As is suggested by its name, this kind of IUD is added in the uterus of the woman so as to stop pregnancy. Unlike other intra uterine products, it’s non- copper and hormonal. The way it works is the uterus is deceived into thinking it raises the white blood cell count to fight off this clear illness and it is a foreign bacteria. This creates a really hostile environment for sperm, and most won’t live long enough to fertilize an egg. The secondary method that it works is it stops implantation of pre-fertilized eggs onto the uterine wall.

This choice of contraception is ideal for women who’ve already given birth to a minimum of one child. The Paragard IUD will function best with a uterus that’s gone through all the phases of pregnancy. This kind of birth control additionally can’t be used when the woman includes a history of Pelvic Inflammatory Dis-Ease (PID), reaches risk for PID, includes a history of cancers or reproductive infections or if she’s Wilson’s disease.

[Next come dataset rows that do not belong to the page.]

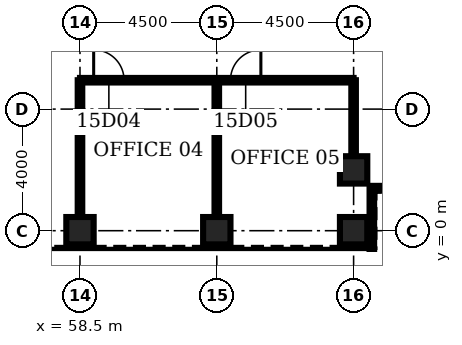
"""IFC4 building model, lengths in metres.
Left out: names, types, materials, properties, quantities, classifications, styles, units other than length and angle.
Written with IfcOpenShell. Run it as: python <this file> out.ifc"""

import sys

from ifc_helpers import new_model, si_unit, direction, frame, frame_2d, origin, origin_2d, place, context, subcontext, project, spatial, rectangle, hollow_rectangle, extrude, element, fill, save


model = new_model("IFC4")
c1 = context("Model", 3, precision=1e-05, world=origin(), true_north=direction((0.0, 1.0)))
c2 = subcontext(c1, "Body", "Model", "MODEL_VIEW")
j1 = project(units=[si_unit("LENGTHUNIT", "METRE"), si_unit("PLANEANGLEUNIT", "RADIAN")], contexts=[c1])
p1 = place(None, origin())
s1 = spatial("IfcSite", under=j1, at=p1, CompositionType="ELEMENT")
p2 = place(p1, origin())
s2 = spatial("IfcBuilding", under=s1, at=p2, CompositionType="ELEMENT")
p3 = place(p2, frame((0.0, 0.0, 72.5)))
s3 = spatial("IfcBuildingStorey", under=s2, at=p3, CompositionType="ELEMENT", Elevation=72.5)
for number, where, z_axis, x_axis in (
    (1, (58.5, 0.0, 0.0), (0.0, 0.0, 1.0), (0.0, 1.0, 0.0)),
    (2, (63.0, 0.0, 0.0), (0.0, 0.0, 1.0), (0.0, 1.0, 0.0)),
    (3, (67.5, 0.0, 0.0), (0.0, 0.0, 1.0), (0.0, 1.0, 0.0)),
    (4, (67.5, 2.0, 0.0), (0.0, 0.0, 1.0), (0.0, 1.0, 0.0)),
):
    element("IfcColumn", number, at=place(p3, frame(where, z_axis=z_axis, x_axis=x_axis)), inside=s3, PredefinedType="COLUMN", context=c2, shape_type="SweptSolid", body=[
        extrude(hollow_rectangle(XDim=0.9, YDim=0.9, WallThickness=0.12, at=origin_2d()), origin(), (0.0, 0.0, 1.0), 4.5),
    ])
p4 = place(p3, frame((58.5, 4.95, 0.0), z_axis=(0.0, 0.0, 1.0), x_axis=(1.0, 0.0, 0.0)))
e5 = element("IfcWall", 5, at=p4, inside=s3, PredefinedType="PARTITIONING", context=c2, shape_type="SweptSolid", body=[
    extrude(rectangle(XDim=9.0, YDim=0.15, at=frame_2d((4.5, 0.0))), origin(), (0.0, 0.0, 1.0), 3.0),
])
p5 = place(p4, frame((0.45, 0.0, 0.0)))
e6 = element("IfcOpeningElement", 6, at=p5, cuts=e5, PredefinedType="OPENING", context=c2, shape_type="SweptSolid", body=[
    extrude(rectangle(XDim=1.0, YDim=2.1, at=frame_2d((0.5, 1.05))), frame((0.0, 0.085, 0.0), z_axis=(0.0, -1.0, 0.0), x_axis=(1.0, 0.0, 0.0)), (0.0, 0.0, 1.0), 0.17),
])
p6 = place(p4, frame((4.95, 0.0, 0.0)))
e7 = element("IfcOpeningElement", 7, at=p6, cuts=e5, PredefinedType="OPENING", context=c2, shape_type="SweptSolid", body=[
    extrude(rectangle(XDim=1.0, YDim=2.1, at=frame_2d((0.5, 1.05))), frame((0.0, 0.085, 0.0), z_axis=(0.0, -1.0, 0.0), x_axis=(1.0, 0.0, 0.0)), (0.0, 0.0, 1.0), 0.17),
])
for number, where, z_axis, x_axis in (
    (8, (58.5, 0.45, 0.0), (0.0, 0.0, 1.0), (0.0, 1.0, 0.0)),
    (9, (63.0, 0.45, 0.0), (0.0, 0.0, 1.0), (0.0, 1.0, 0.0)),
):
    element("IfcWall", number, at=place(p3, frame(where, z_axis=z_axis, x_axis=x_axis)), inside=s3, PredefinedType="PARTITIONING", context=c2, shape_type="SweptSolid", body=[
        extrude(rectangle(XDim=4.5, YDim=0.15, at=frame_2d((2.25, 0.0))), origin(), (0.0, 0.0, 1.0), 3.0),
    ])
p7 = place(p3, frame((67.5, 2.45, 0.0), z_axis=(0.0, 0.0, 1.0), x_axis=(0.0, 1.0, 0.0)))
e10 = element("IfcWall", 10, at=p7, inside=s3, PredefinedType="PARTITIONING", context=c2, shape_type="SweptSolid", body=[
    extrude(rectangle(XDim=2.5, YDim=0.15, at=frame_2d((1.25, 0.0))), origin(), (0.0, 0.0, 1.0), 3.0),
])
p8 = place(p3, frame((68.1, -0.6, 0.0), z_axis=(0.0, 0.0, 1.0), x_axis=(0.0, 1.0, 0.0)))
e11 = element("IfcWall", 11, at=p8, inside=s3, PredefinedType="ELEMENTEDWALL", context=c2, shape_type="SweptSolid", body=[
    extrude(rectangle(XDim=2.0, YDim=0.15, at=frame_2d((1.0, 0.0))), origin(), (0.0, 0.0, 1.0), 4.32),
])
p9 = place(p3, frame((68.1, 1.4, 0.0), z_axis=(0.0, 0.0, 1.0), x_axis=(1.0, 0.0, 0.0)))
e12 = element("IfcWall", 12, at=p9, inside=s3, PredefinedType="ELEMENTEDWALL", context=c2, shape_type="SweptSolid", body=[
    extrude(rectangle(XDim=2.25, YDim=0.15, at=frame_2d((1.125, 0.0))), origin(), (0.0, 0.0, 1.0), 4.32),
])
p10 = place(p5, origin())
e13 = element("IfcDoor", 13, at=p10, inside=s3, OperationType="SINGLE_SWING_LEFT", PredefinedType="DOOR", context=c2, shape_type="SweptSolid", body=[
    extrude(rectangle(XDim=1.0, YDim=2.1, at=frame_2d((0.5, 1.05))), frame((0.0, 0.025, 0.0), z_axis=(0.0, -1.0, 0.0), x_axis=(1.0, 0.0, 0.0)), (0.0, 0.0, 1.0), 0.05),
])
fill(e6, e13)
p11 = place(p6, origin())
e14 = element("IfcDoor", 14, at=p11, inside=s3, OperationType="SINGLE_SWING_RIGHT", PredefinedType="DOOR", context=c2, shape_type="SweptSolid", body=[
    extrude(rectangle(XDim=1.0, YDim=2.1, at=frame_2d((0.5, 1.05))), frame((0.0, 0.025, 0.0), z_axis=(0.0, -1.0, 0.0), x_axis=(1.0, 0.0, 0.0)), (0.0, 0.0, 1.0), 0.05),
])
fill(e7, e14)
save(model, sys.argv[1])

Naturally, the IUD shouldn’t be used when the girl is pregnant either.

The positives of applying this form are that it’s extremely suitable. You don’t need to remember add anything before intercourse, or to take a pill each day. This form of birth control is additionally hormone-free which means weight gain, no mood swings, or other such side effects of endocrine. The Paragard IUD additionally has a 99.4% speed of effectiveness. It is simple to eliminate once the woman decides that she want to quit using birth control, and easy to add.

One quite common negative side effect for preventing unwanted pregnancies to this form, is a more heavy menstrual flow. About 12% of women using the IUD end up removing it because of an unbearable increase in bleeding and cramping. Another side effect is this IUD could get caught or puncture the uterus that. This occurs in 1 from every 1000 women, and is uncommon. It’s traditionally found immediately since this will occur just during insertion. Additionally, there is a two to ten percent risk the uterus thus leave the woman vulnerable to pregnancy, and will expel the IUD. Of course, this kind of IUD isn’t a barrier method, and therefore won’t shield you from STDs.

Overall, each woman determine if this contraception option would be perfect on her, given her medical history and situation and should discuss this sort of contraception with her physician.